The Department may decline to issue an operating certificate on either one of two grounds, or on both. First, it may refuse a certificate unless the applicant shows to the satisfaction of the Department that the equipment is designed to operate without causing a violation of any provision of the act, or of its implementing rules and regulations. Clearly, under the prior order relied upon by defendant, the Department could not have refused defendant a permit for failure to comply with emission standards measured by pro*119cedures not yet published. It could, and did however, refuse the certificate on the second ground, that the equipment failed to incorporate advances in the art of air pollution control developed for the kind and amount of air contaminant emitted by the equipment. N. J. S. A. 26 :2C-9.2(c). The fact that the Department could not enforce against appellant one of the conditions for issuance of a certificate provides no reason to foreclose it from insisting that other conditions to its issuance be met.

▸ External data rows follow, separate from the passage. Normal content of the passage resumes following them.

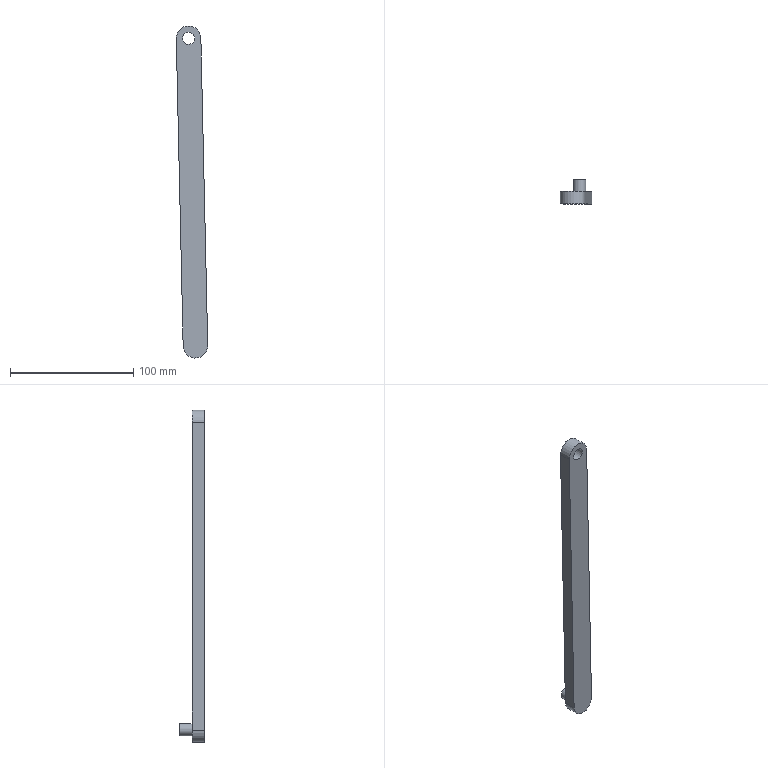Component | NX | 03 | 1 solid | 9 faces | box 25.59 x 20 x 269.94 mm | volume 53142 mm3 | plane 5 | cylinder 4 | commonest cylinder face diameters 20 x2 10 x2
STEP:
#1=CARTESIAN_POINT('',(0.,0.,0.));
#2=DIRECTION('',(0.,0.,1.));
#3=DIRECTION('',(1.,0.,0.));
#4=AXIS2_PLACEMENT_3D('',#1,#2,#3);
#5=CARTESIAN_POINT('',(208.953,15.,299.814));
#6=VERTEX_POINT('',#5);
#7=CARTESIAN_POINT('',(188.958,15.,299.367));
#8=VERTEX_POINT('',#7);
#9=CARTESIAN_POINT('',(198.956,15.,299.59));
#10=DIRECTION('',(0.,-1.,0.));
#11=DIRECTION('',(0.02235,0.,-0.9998));
#12=AXIS2_PLACEMENT_3D('',#9,#10,#11);
#13=CIRCLE('',#12,10.);
#14=CARTESIAN_POINT('',(198.956,5.,299.59));
#15=DIRECTION('',(0.,1.,0.));
#16=DIRECTION('',(0.9998,0.,0.02235));
#17=AXIS2_PLACEMENT_3D('',#14,#15,#16);
#18=CYLINDRICAL_SURFACE('',#17,10.);
#19=CARTESIAN_POINT('',(7.854,10.));
#20=DIRECTION('',(-1.,0.));
#21=VECTOR('',#20,1.);
#22=LINE('',#19,#21);
#23=(GEOMETRIC_REPRESENTATION_CONTEXT(2)PARAMETRIC_REPRESENTATION_CONTEXT()REPRESENTATION_CONTEXT('',''));
#24=DEFINITIONAL_REPRESENTATION('',(#22),#23);
#25=PCURVE('',#18,#24);
#26=CARTESIAN_POINT('',(198.956,15.,299.59));
#27=DIRECTION('',(0.,-1.,0.));
#28=DIRECTION('',(-0.9998,0.,-0.02235));
#29=AXIS2_PLACEMENT_3D('',#26,#27,#28);
#30=PLANE('',#29);
#31=CARTESIAN_POINT('',(0.,0.));
#32=DIRECTION('',(-0.,1.));
#33=AXIS2_PLACEMENT_2D('',#31,#32);
#34=CIRCLE('',#33,10.);
#35=(GEOMETRIC_REPRESENTATION_CONTEXT(2)PARAMETRIC_REPRESENTATION_CONTEXT()REPRESENTATION_CONTEXT('',''));
#36=DEFINITIONAL_REPRESENTATION('',(#34),#35);
#37=PCURVE('',#30,#36);
#38=SURFACE_CURVE('',#13,(#25,#37),.PCURVE_S1.);
#39=EDGE_CURVE('',#6,#8,#38,.T.);
#40=ORIENTED_EDGE('',*,*,#39,.T.);
#41=CARTESIAN_POINT('',(188.958,5.,299.367));
#42=VERTEX_POINT('',#41);
#43=CARTESIAN_POINT('',(188.958,5.,299.367));
#44=DIRECTION('',(0.,1.,0.));
#45=VECTOR('',#44,1.);
#46=LINE('',#43,#45);
#47=CARTESIAN_POINT('',(3.142,0.));
#48=DIRECTION('',(0.,1.));
#49=VECTOR('',#48,1.);
#50=LINE('',#47,#49);
#51=(GEOMETRIC_REPRESENTATION_CONTEXT(2)PARAMETRIC_REPRESENTATION_CONTEXT()REPRESENTATION_CONTEXT('',''));
#52=DEFINITIONAL_REPRESENTATION('',(#50),#51);
#53=PCURVE('',#18,#52);
#54=CARTESIAN_POINT('',(188.958,5.,299.367));
#55=DIRECTION('',(0.9998,0.,0.02235));
#56=DIRECTION('',(0.02235,0.,-0.9998));
#57=AXIS2_PLACEMENT_3D('',#54,#55,#56);
#58=PLANE('',#57);
#59=CARTESIAN_POINT('',(0.,0.));
#60=DIRECTION('',(0.,1.));
#61=VECTOR('',#60,1.);
#62=LINE('',#59,#61);
#63=(GEOMETRIC_REPRESENTATION_CONTEXT(2)PARAMETRIC_REPRESENTATION_CONTEXT()REPRESENTATION_CONTEXT('',''));
#64=DEFINITIONAL_REPRESENTATION('',(#62),#63);
#65=PCURVE('',#58,#64);
#66=SURFACE_CURVE('',#46,(#53,#65),.PCURVE_S1.);
#67=EDGE_CURVE('',#42,#8,#66,.T.);
#68=ORIENTED_EDGE('',*,*,#67,.F.);
#69=CARTESIAN_POINT('',(208.953,5.,299.814));
#70=VERTEX_POINT('',#69);
#71=CARTESIAN_POINT('',(198.956,5.,299.59));
#72=DIRECTION('',(0.,-1.,0.));
#73=DIRECTION('',(0.02235,0.,-0.9998));
#74=AXIS2_PLACEMENT_3D('',#71,#72,#73);
#75=CIRCLE('',#74,10.);
#76=CARTESIAN_POINT('',(7.854,0.));
#77=DIRECTION('',(-1.,0.));
#78=VECTOR('',#77,1.);
#79=LINE('',#76,#78);
#80=(GEOMETRIC_REPRESENTATION_CONTEXT(2)PARAMETRIC_REPRESENTATION_CONTEXT()REPRESENTATION_CONTEXT('',''));
#81=DEFINITIONAL_REPRESENTATION('',(#79),#80);
#82=PCURVE('',#18,#81);
#83=CARTESIAN_POINT('',(198.956,5.,299.59));
#84=DIRECTION('',(0.,-1.,0.));
#85=DIRECTION('',(-0.9998,0.,-0.02235));
#86=AXIS2_PLACEMENT_3D('',#83,#84,#85);
#87=PLANE('',#86);
#88=CARTESIAN_POINT('',(0.,0.));
#89=DIRECTION('',(-0.,1.));
#90=AXIS2_PLACEMENT_2D('',#88,#89);
#91=CIRCLE('',#90,10.);
#92=(GEOMETRIC_REPRESENTATION_CONTEXT(2)PARAMETRIC_REPRESENTATION_CONTEXT()REPRESENTATION_CONTEXT('',''));
#93=DEFINITIONAL_REPRESENTATION('',(#91),#92);
#94=PCURVE('',#87,#93);
#95=SURFACE_CURVE('',#75,(#82,#94),.PCURVE_S1.);
#96=EDGE_CURVE('',#70,#42,#95,.T.);
#97=ORIENTED_EDGE('',*,*,#96,.F.);
#98=CARTESIAN_POINT('',(208.953,5.,299.814));
#99=DIRECTION('',(0.,1.,0.));
#100=VECTOR('',#99,1.);
#101=LINE('',#98,#100);
#102=CARTESIAN_POINT('',(6.283,0.));
#103=DIRECTION('',(0.,1.));
#104=VECTOR('',#103,1.);
#105=LINE('',#102,#104);
#106=(GEOMETRIC_REPRESENTATION_CONTEXT(2)PARAMETRIC_REPRESENTATION_CONTEXT()REPRESENTATION_CONTEXT('',''));
#107=DEFINITIONAL_REPRESENTATION('',(#105),#106);
#108=PCURVE('',#18,#107);
#109=CARTESIAN_POINT('',(214.54,5.,49.876));
#110=DIRECTION('',(-0.9998,0.,-0.02235));
#111=DIRECTION('',(-0.02235,0.,0.9998));
#112=AXIS2_PLACEMENT_3D('',#109,#110,#111);
#113=PLANE('',#112);
#114=CARTESIAN_POINT('',(250.,0.));
#115=DIRECTION('',(0.,1.));
#116=VECTOR('',#115,1.);
#117=LINE('',#114,#116);
#118=(GEOMETRIC_REPRESENTATION_CONTEXT(2)PARAMETRIC_REPRESENTATION_CONTEXT()REPRESENTATION_CONTEXT('',''));
#119=DEFINITIONAL_REPRESENTATION('',(#117),#118);
#120=PCURVE('',#113,#119);
#121=SURFACE_CURVE('',#101,(#108,#120),.PCURVE_S1.);
#122=EDGE_CURVE('',#70,#6,#121,.T.);
#123=ORIENTED_EDGE('',*,*,#122,.T.);
#124=EDGE_LOOP('',(#40,#68,#97,#123));
#125=FACE_BOUND('',#124,.T.);
#126=ADVANCED_FACE('',(#125),#18,.T.);
#127=CARTESIAN_POINT('',(194.545,15.,49.429));
#128=VERTEX_POINT('',#127);
#129=CARTESIAN_POINT('',(188.958,15.,299.367));
#130=DIRECTION('',(0.02235,0.,-0.9998));
#131=VECTOR('',#130,1.);
#132=LINE('',#129,#131);
#133=CARTESIAN_POINT('',(0.,10.));
#134=DIRECTION('',(1.,0.));
#135=VECTOR('',#134,1.);
#136=LINE('',#133,#135);
#137=(GEOMETRIC_REPRESENTATION_CONTEXT(2)PARAMETRIC_REPRESENTATION_CONTEXT()REPRESENTATION_CONTEXT('',''));
#138=DEFINITIONAL_REPRESENTATION('',(#136),#137);
#139=PCURVE('',#58,#138);
#140=CARTESIAN_POINT('',(10.,-0.));
#141=DIRECTION('',(0.,1.));
#142=VECTOR('',#141,1.);
#143=LINE('',#140,#142);
#144=(GEOMETRIC_REPRESENTATION_CONTEXT(2)PARAMETRIC_REPRESENTATION_CONTEXT()REPRESENTATION_CONTEXT('',''));
#145=DEFINITIONAL_REPRESENTATION('',(#143),#144);
#146=PCURVE('',#30,#145);
#147=SURFACE_CURVE('',#132,(#139,#146),.PCURVE_S1.);
#148=EDGE_CURVE('',#8,#128,#147,.T.);
#149=ORIENTED_EDGE('',*,*,#148,.T.);
#150=CARTESIAN_POINT('',(194.545,5.,49.429));
#151=VERTEX_POINT('',#150);
#152=CARTESIAN_POINT('',(194.545,5.,49.429));
#153=DIRECTION('',(0.,1.,0.));
#154=VECTOR('',#153,1.);
#155=LINE('',#152,#154);
#156=CARTESIAN_POINT('',(250.,0.));
#157=DIRECTION('',(0.,1.));
#158=VECTOR('',#157,1.);
#159=LINE('',#156,#158);
#160=(GEOMETRIC_REPRESENTATION_CONTEXT(2)PARAMETRIC_REPRESENTATION_CONTEXT()REPRESENTATION_CONTEXT('',''));
#161=DEFINITIONAL_REPRESENTATION('',(#159),#160);
#162=PCURVE('',#58,#161);
#163=CARTESIAN_POINT('',(204.543,5.,49.653));
#164=DIRECTION('',(0.,1.,0.));
#165=DIRECTION('',(0.9998,0.,0.02235));
#166=AXIS2_PLACEMENT_3D('',#163,#164,#165);
#167=CYLINDRICAL_SURFACE('',#166,10.);
#168=CARTESIAN_POINT('',(3.142,0.));
#169=DIRECTION('',(0.,1.));
#170=VECTOR('',#169,1.);
#171=LINE('',#168,#170);
#172=(GEOMETRIC_REPRESENTATION_CONTEXT(2)PARAMETRIC_REPRESENTATION_CONTEXT()REPRESENTATION_CONTEXT('',''));
#173=DEFINITIONAL_REPRESENTATION('',(#171),#172);
#174=PCURVE('',#167,#173);
#175=SURFACE_CURVE('',#155,(#162,#174),.PCURVE_S1.);
#176=EDGE_CURVE('',#151,#128,#175,.T.);
#177=ORIENTED_EDGE('',*,*,#176,.F.);
#178=CARTESIAN_POINT('',(188.958,5.,299.367));
#179=DIRECTION('',(0.02235,0.,-0.9998));
#180=VECTOR('',#179,1.);
#181=LINE('',#178,#180);
#182=CARTESIAN_POINT('',(0.,0.));
#183=DIRECTION('',(1.,0.));
#184=VECTOR('',#183,1.);
#185=LINE('',#182,#184);
#186=(GEOMETRIC_REPRESENTATION_CONTEXT(2)PARAMETRIC_REPRESENTATION_CONTEXT()REPRESENTATION_CONTEXT('',''));
#187=DEFINITIONAL_REPRESENTATION('',(#185),#186);
#188=PCURVE('',#58,#187);
#189=CARTESIAN_POINT('',(10.,-0.));
#190=DIRECTION('',(0.,1.));
#191=VECTOR('',#190,1.);
#192=LINE('',#189,#191);
#193=(GEOMETRIC_REPRESENTATION_CONTEXT(2)PARAMETRIC_REPRESENTATION_CONTEXT()REPRESENTATION_CONTEXT('',''));
#194=DEFINITIONAL_REPRESENTATION('',(#192),#193);
#195=PCURVE('',#87,#194);
#196=SURFACE_CURVE('',#181,(#188,#195),.PCURVE_S1.);
#197=EDGE_CURVE('',#42,#151,#196,.T.);
#198=ORIENTED_EDGE('',*,*,#197,.F.);
#199=ORIENTED_EDGE('',*,*,#67,.T.);
#200=EDGE_LOOP('',(#149,#177,#198,#199));
#201=FACE_BOUND('',#200,.T.);
#202=ADVANCED_FACE('',(#201),#58,.F.);
#203=CARTESIAN_POINT('',(214.54,15.,49.876));
#204=VERTEX_POINT('',#203);
#205=CARTESIAN_POINT('',(204.543,15.,49.653));
#206=DIRECTION('',(0.,-1.,0.));
#207=DIRECTION('',(0.02235,0.,-0.9998));
#208=AXIS2_PLACEMENT_3D('',#205,#206,#207);
#209=CIRCLE('',#208,10.);
#210=CARTESIAN_POINT('',(7.854,10.));
#211=DIRECTION('',(-1.,0.));
#212=VECTOR('',#211,1.);
#213=LINE('',#210,#212);
#214=(GEOMETRIC_REPRESENTATION_CONTEXT(2)PARAMETRIC_REPRESENTATION_CONTEXT()REPRESENTATION_CONTEXT('',''));
#215=DEFINITIONAL_REPRESENTATION('',(#213),#214);
#216=PCURVE('',#167,#215);
#217=CARTESIAN_POINT('',(0.,250.));
#218=DIRECTION('',(-0.,1.));
#219=AXIS2_PLACEMENT_2D('',#217,#218);
#220=CIRCLE('',#219,10.);
#221=(GEOMETRIC_REPRESENTATION_CONTEXT(2)PARAMETRIC_REPRESENTATION_CONTEXT()REPRESENTATION_CONTEXT('',''));
#222=DEFINITIONAL_REPRESENTATION('',(#220),#221);
#223=PCURVE('',#30,#222);
#224=SURFACE_CURVE('',#209,(#216,#223),.PCURVE_S1.);
#225=EDGE_CURVE('',#128,#204,#224,.T.);
#226=ORIENTED_EDGE('',*,*,#225,.T.);
#227=CARTESIAN_POINT('',(214.54,5.,49.876));
#228=VERTEX_POINT('',#227);
#229=CARTESIAN_POINT('',(214.54,5.,49.876));
#230=DIRECTION('',(0.,1.,0.));
#231=VECTOR('',#230,1.);
#232=LINE('',#229,#231);
#233=CARTESIAN_POINT('',(0.,0.));
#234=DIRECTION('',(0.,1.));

Moreover, defendant’s argument in this regard, has since become moot with the recent promulgation of testing procedures. 8 N. J. Regis. 228(a), June 21, 1976. The regulation cures the defect which precluded enforcement of emission standards against defendant. Determination of a controversy by an appellate court must be made in accordance with law in effect at the time of decision and not at the time the proceeding was commenced. In re Petition of South Lakewood Water Co., 61 N. J. 230, 248 (1972); S. & L. Ass’n, Inc. v. Washington Tp., 35 N. J. 224, 227 (1961); Little Ferry v. Bergen Cty. Sewer Auth., 9 N. J. 536, 547 (1952), cert. den. 344 U. S. 865, 73 S. Ct. 105, 97 L. Ed. 670 (1952). With publication of the standards, no obstacle any longer exists to the enforcement of N. J. S. A. 26 :2C-9.2(c) as against defendant. Although the subsequent adoption of the testing procedures would not have validated imposition of monetary penalties for violation of emission standards not measurable at the time by published procedures, monetary penalties were not imposed therefor and, at any rate, the appropriateness and amount of penalties have been settled by the parties and that issue is not before us.

Finally, defendant contends that the Department "should not be permitted to compel compliance with the permit and certificate requirements before the question of the constitutional validity of N. J. A. C. 7:27-6.1 et seq., raised in Midland’s counterclaims, is disposed of.” This contention lacks any real substance. Midland has already complied with the trial court order requiring applications to be made for *120permits. Indeed, it sought permits earlier, in 1973. In the constitutional issue raised, Midland is not concerned with the provision upon which rejection of its application was based, but rather with a regulation governing emissions not relied upon by the Department in rejecting defendant’s application. We, therefore, see no reason to delay defendant’s compliance with the permit and certificate requirements until the asserted question concerning the constitutionality of a regulation not affecting the rejection of its application is 'disposed of.

Defendant is, however, free to pursue the matter, but in the Appellate Division where it properly belongs. See R. 2:2-3(a) (2). Accordingly, the dismissal of the counterclaim will be vacated and the appeal transferred to the Appellate Division. B. 1:13-4(a). Defendant’s contentions with respect to the trial court’s dismissal of affirmative defenses need no longer concern us; the merits of those affirmative defenses, in the interest of expediting this matter, have been considered by us in this appeal.

Affirmed.

The remaining unresolved issues upon which summary judgment was denied were settled by the parties and a consent judgment reflecting the terms and conditions of that settlement was executed and filed, preserving the issue to be considered herein for appeal. Hence, the order appealed from is not interlocutory and no leave to appeal was sought or granted; the appeal is of right.

Permits and certificates are not required where equipment yields less than a stated amount of contaminants emitted, depending upon the nature of the process being used. See, e.g., N. J. A. C. 7:27-8.2 (a) (2), (3), (4) and (7). Neither defendant nor the State has referred to these regulations and they do not appear to be germane.